# self employed or small business start up?



## hether24 (Jul 24, 2010)

Hi all, 

I know 'self employed' has been discussed on the forum previously, mainly in relation to getting a residency visa.. J however will already have a residency visa via my husband who will be employed there. We move out in Dec. 

I am exploring a business model which involves the importing and selling of new technology. Can I be self employed or do I have to register as a small (one man) business, I dont know? 

Ive read small businesses require a 'trading licence' or is it possisble to be self employed and trade with other businesses in the uae without a 'trading licence' If you require a trading licence anyone received one and how? Or is the free trade zone the only option? Or would I need to explore appointing a uae national as an agent? 

Many questions.. sorry i'm just learning. Any help much appreciated!


----------



## dizzyizzy (Mar 30, 2008)

Hi hether,

Is illegal to do business in the UAE without the appropriate permits so yes, you will need to register your company and obtain a trading license. You can either find a local to sponsor you or you can register on a free zone. Free zone is more expensive to set up but ensures you have 100% ownership of your business. The free zone registration has been covered in the forum before, if you do a search you'll find some information on this. Search for "RAK free zone" and you will find some information that was posted not long ago.

Good luck


----------



## Elphaba (Jan 24, 2008)

In fact a freezone company is not more expensive to set up, especially of you set it up in Sharjah or RAK. The options however, depend partly of the nature of the business and where you are permitted to be based. (My husband has a RAK freezon company and we have been through all the options.)

To operate as a trader you must have the apppropriate licence to import goods and in fact not all freezones allow that. You can have a trading company in RAK, although the cost will depend on what good - and how many - you intend to import. If you are planning to sell B2C then you would also need premises from which to sell. if B2B only, you will have a freezone business address.

As a minimum you are looking at set up costs, including one visa, of around AED 25-30k. Business licences have to be renewed each year, naturally for a fee.

As Izzy suggests, please do a search as there have been numerous threads and discussions on this subject previously.
-


----------



## Mr Rossi (May 16, 2009)

There is an office for RAK freezone on floor 7 of the Fairmont in Dubai.


----------



## hether24 (Jul 24, 2010)

Thanks all that’s really helpful! As suggested I’ve done a bit more searching & reading on freezones.. it certainly the best option! 

In summary:
1. I need a permit to trade!!
2. Best option is freezone (as want to own 100%) 
3. Only some freezones allow imports..?

The nature of the business is importing and selling B2B. 

My husband and I will be based in Abu Dhabi, therefore one question I’ve not found the answer to so far: Can you have a virtual business address say in one of Dubai’s freezone and trade in Abu Dhabi also? I would be hoping to trade in both emirates? 

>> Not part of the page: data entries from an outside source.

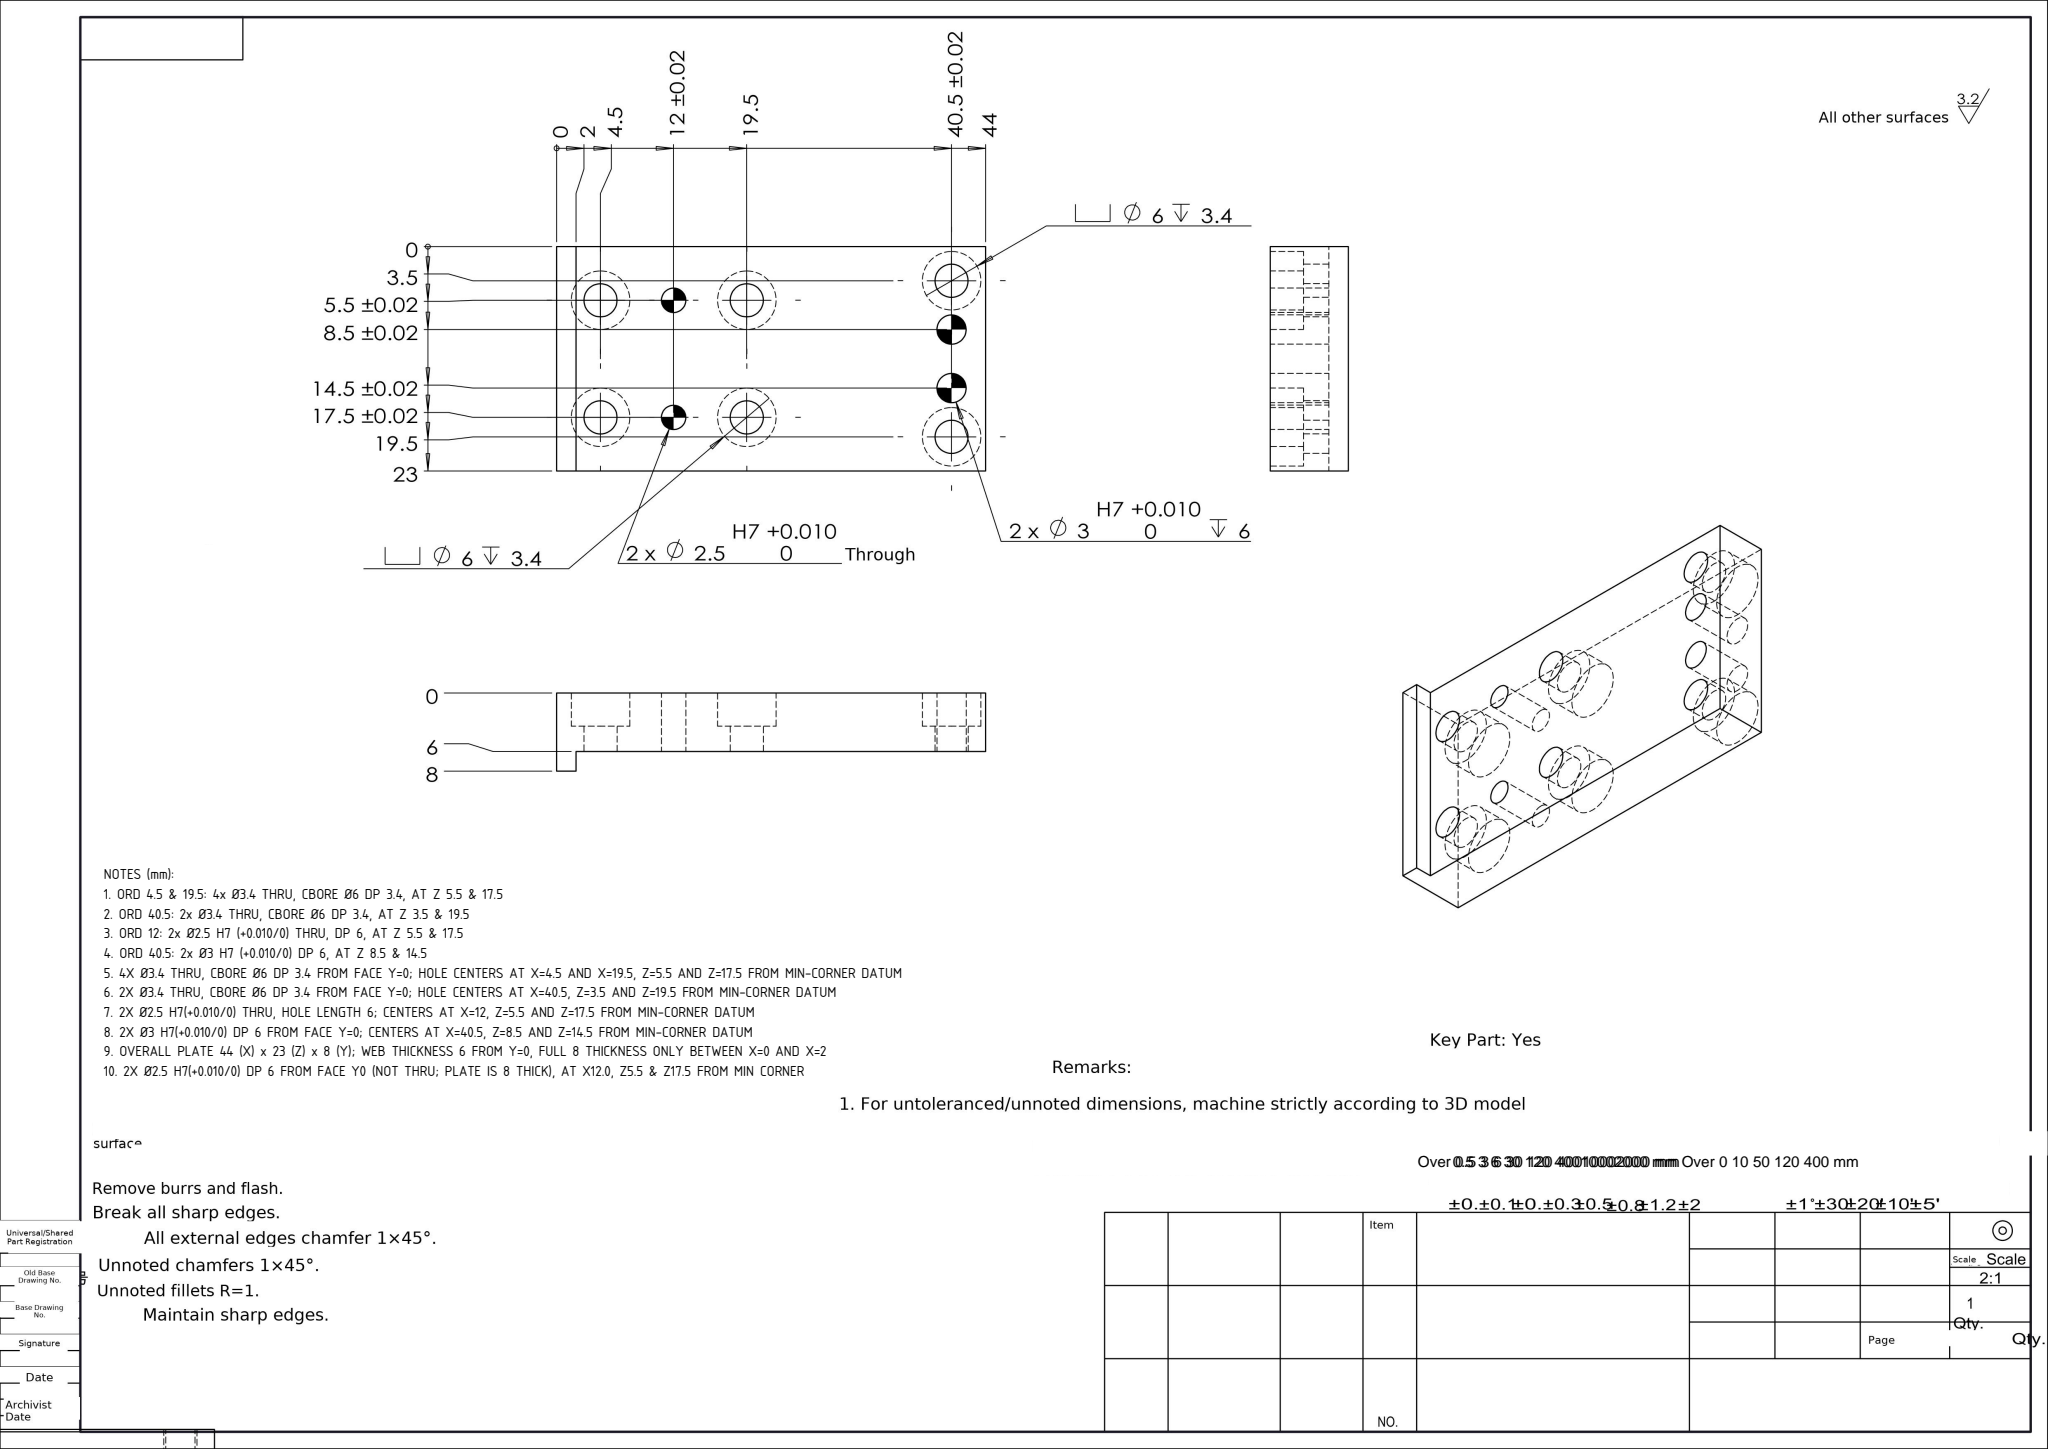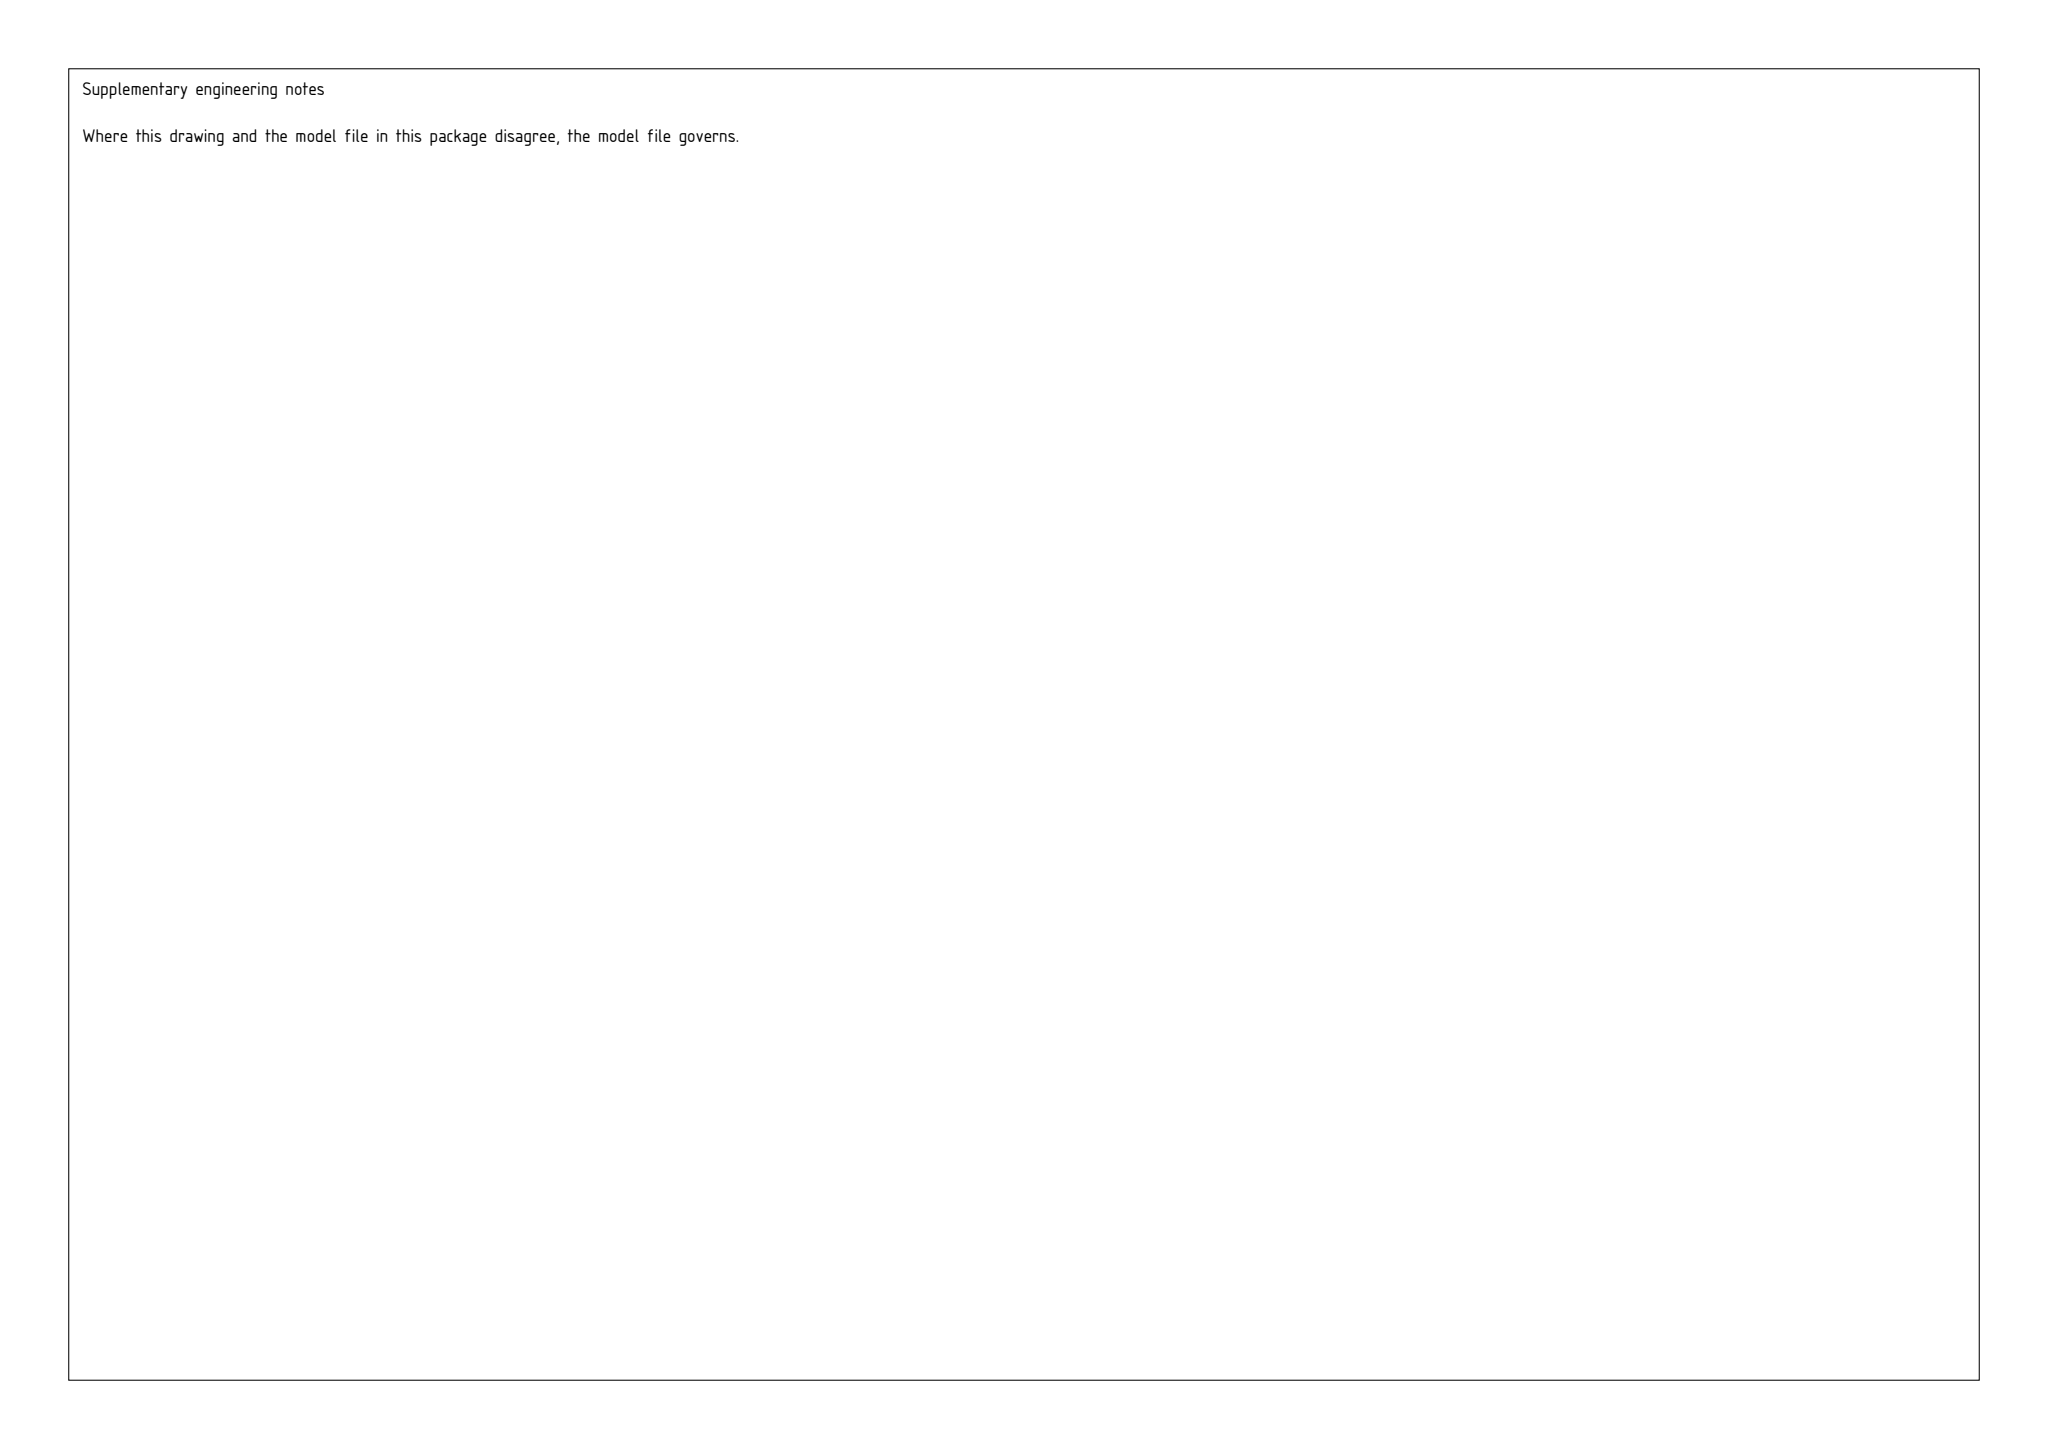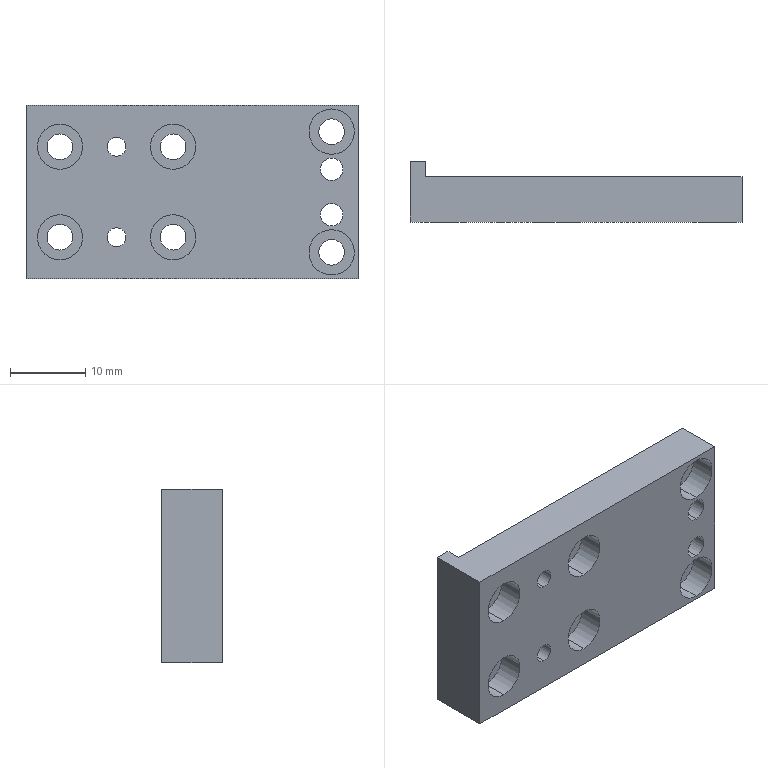Part | SolidWorks | mm | 1 solid | 46 faces | box 44 x 8 x 23 mm | volume 5302 mm3 | cylinder 32 | plane 14 | commonest cylinder face diameters 6 x12 3.4 x12 3 x4 2.5 x4
Drawing notes:
ORD 4.5 & 19.5: 4x Ø3.4 THRU, CBORE Ø6 DP 3.4, AT Z 5.5 & 17.5 | from the solid: Ø3.4 axis y at x=4.5/19.5, z=5.5/17.5, len 2.6; Ø6 cbore len 3.4 same axes
ORD 40.5: 2x Ø3.4 THRU, CBORE Ø6 DP 3.4, AT Z 3.5 & 19.5 | from the solid: Ø3.4 axis y at x=40.5, z=3.5/19.5, len 2.6; Ø6 cbore len 3.4 same axes
ORD 12: 2x Ø2.5 H7 (+0.010/0) THRU, DP 6, AT Z 5.5 & 17.5 | from the solid: Ø2.5 axis y, x=12.0, z=5.5 and 17.5, length 6.0 = wall thk
ORD 40.5: 2x Ø3 H7 (+0.010/0) DP 6, AT Z 8.5 & 14.5 | from the solid: Ø3.0 axis y, x=40.5, z=8.5 and 14.5, length 6.0
4X Ø3.4 THRU, CBORE Ø6 DP 3.4 FROM FACE Y=0; HOLE CENTERS AT X=4.5 AND X=19.5, Z=5.5 AND Z=17.5 FROM MIN-CORNER DATUM | from the solid: cylinders [3.4,y,(4.5/19.5, z 5.5/17.5), len 2.6] and [6.0,y,(4.5/19.5, z 5.5/17.5), len 3.4]
2X Ø3.4 THRU, CBORE Ø6 DP 3.4 FROM FACE Y=0; HOLE CENTERS AT X=40.5, Z=3.5 AND Z=19.5 FROM MIN-CORNER DATUM | from the solid: cylinders [3.4,y,(40.5, z 3.5/19.5), len 2.6] and [6.0,y,(40.5, z 3.5/19.5), len 3.4]
2X Ø2.5 H7(+0.010/0) THRU, HOLE LENGTH 6; CENTERS AT X=12, Z=5.5 AND Z=17.5 FROM MIN-CORNER DATUM | from the solid: cylinders [2.5,y,(12.0, z 5.5/17.5), len 6.0]
2X Ø3 H7(+0.010/0) DP 6 FROM FACE Y=0; CENTERS AT X=40.5, Z=8.5 AND Z=14.5 FROM MIN-CORNER DATUM | from the solid: cylinders [3.0,y,(40.5, z 8.5/14.5), len 6.0]
OVERALL PLATE 44 (X) x 23 (Z) x 8 (Y); WEB THICKNESS 6 FROM Y=0, FULL 8 THICKNESS ONLY BETWEEN X=0 AND X=2 | from the solid: bbox_xyz [44,8,23]; axis_planes x=0, x=2, x=44, y=0, y=6, y=8, z=0, z=23
2X Ø2.5 H7(+0.010/0) DP 6 FROM FACE Y0 (NOT THRU; PLATE IS 8 THICK), AT X12.0, Z5.5 & Z17.5 FROM MIN CORNER | from the solid: cylinders dia 2.5, axis y, pos [12.0,null,5.5] and [12.0,null,17.5], length 6.0; bbox_xyz y=8.0
build123d program:
from build123d import *

# Parameters (mm, degrees)
SKETCH1_W                                         = 42
SKETCH1_H                                         = 6
BOSS_EXTRUDE1_DEPTH                               = 23
SKETCH7_W                                         = 23
SKETCH7_H                                         = 8
BOSS_EXTRUDE2_DEPTH                               = 2
HOLE_SIZE_ACCORDING_TO_HEXAGON_SOCKET_D           = 3.4
HOLE_SIZE_ACCORDING_TO_HEXAGON_SOCKET_CBORE_D     = 6
HOLE_SIZE_ACCORDING_TO_HEXAGON_SOCKET_CBORE_DEPTH = 3.4
SIZE_MM_DOWEL_PIN_HOLE_1_D                        = 2.5
HOLE_SIZE_ACCORDING_TO_HEXAGON_SO_2_D             = 3.4
HOLE_SIZE_ACCORDING_TO_HEXAGON_SO_2_CBORE_D       = 6
HOLE_SIZE_ACCORDING_TO_HEXAGON_SO_2_CBORE_DEPTH   = 3.4
SIZE_MM_DOWEL_PIN_HOLE_3_D                        = 3


with BuildPart() as part:
    # Sketch1 → Boss-Extrude1 (new body)
    with BuildSketch(Plane.XY):
        Rectangle(SKETCH1_W, SKETCH1_H)
    extrude(amount=BOSS_EXTRUDE1_DEPTH)

    # Sketch7 → Boss-Extrude2 (add)
    with BuildSketch(Plane.ZY.offset(21)):
        with Locations((11.5, 1)):
            Rectangle(SKETCH7_W, SKETCH7_H)
    extrude(amount=BOSS_EXTRUDE2_DEPTH)

    # Hole Size _ according to_ Hexagon Socket (through all)
    with Locations(Plane(origin=(0, -3, 0), x_dir=(-1, 0, 0), z_dir=(0, -1, 0))):
        with Locations((3.5, -5.5), (18.5, -5.5), (18.5, -17.5), (3.5, -17.5)):
            CounterBoreHole(HOLE_SIZE_ACCORDING_TO_HEXAGON_SOCKET_D / 2, HOLE_SIZE_ACCORDING_TO_HEXAGON_SOCKET_CBORE_D / 2, HOLE_SIZE_ACCORDING_TO_HEXAGON_SOCKET_CBORE_DEPTH)

    # Size mm Dowel Pin Hole 1 (through all)
    with Locations(Plane(origin=(0, -3, 0), x_dir=(-1, 0, 0), z_dir=(0, -1, 0))):
        with Locations((11, -17.5), (11, -5.5)):
            Hole(SIZE_MM_DOWEL_PIN_HOLE_1_D / 2)

    # Hole Size _ according to_ Hexagon So 2 (through all)
    with Locations(Plane(origin=(0, -3, 0), x_dir=(-1, 0, 0), z_dir=(0, -1, 0))):
        with Locations((-17.5, -3.5), (-17.5, -19.5)):
            CounterBoreHole(HOLE_SIZE_ACCORDING_TO_HEXAGON_SO_2_D / 2, HOLE_SIZE_ACCORDING_TO_HEXAGON_SO_2_CBORE_D / 2, HOLE_SIZE_ACCORDING_TO_HEXAGON_SO_2_CBORE_DEPTH)

    # Size mm Dowel Pin Hole 3 (through all)
    with Locations(Plane(origin=(0, -3, 0), x_dir=(-1, 0, 0), z_dir=(0, -1, 0))):
        with Locations((-17.5, -8.5), (-17.5, -14.5)):
            Hole(SIZE_MM_DOWEL_PIN_HOLE_3_D / 2)


solid = part.part

I’ve also looked into Abu Dhabi freezones! There are not as many as there are in Dubai. 

The main one is Abu Dhabi’s Airport Freezone. It offers its services to a broad range of business sectors, including mine. 

So far I’ve identified: 
1. They offer trade licences where the holder can import and export goods tax free!
2. No virtual offices offered, you have to lease an office space. So costs are up!
3. Type of application, one of 3 options: 
- Branch of a incorporated Company outside or inside UAE, think I could do this as my friend / business partner here in the UK has a successful business here, I want to introduce this business into the UAE market.
- FZE, would be ideal, however minimum capital 300,000 AED. May be a stretch! I would be my own company as a ‘distributor’ taking a % 
- FZCO, I’m not a limited company so don’t know how this would work, also require minimum 500,000 AED. 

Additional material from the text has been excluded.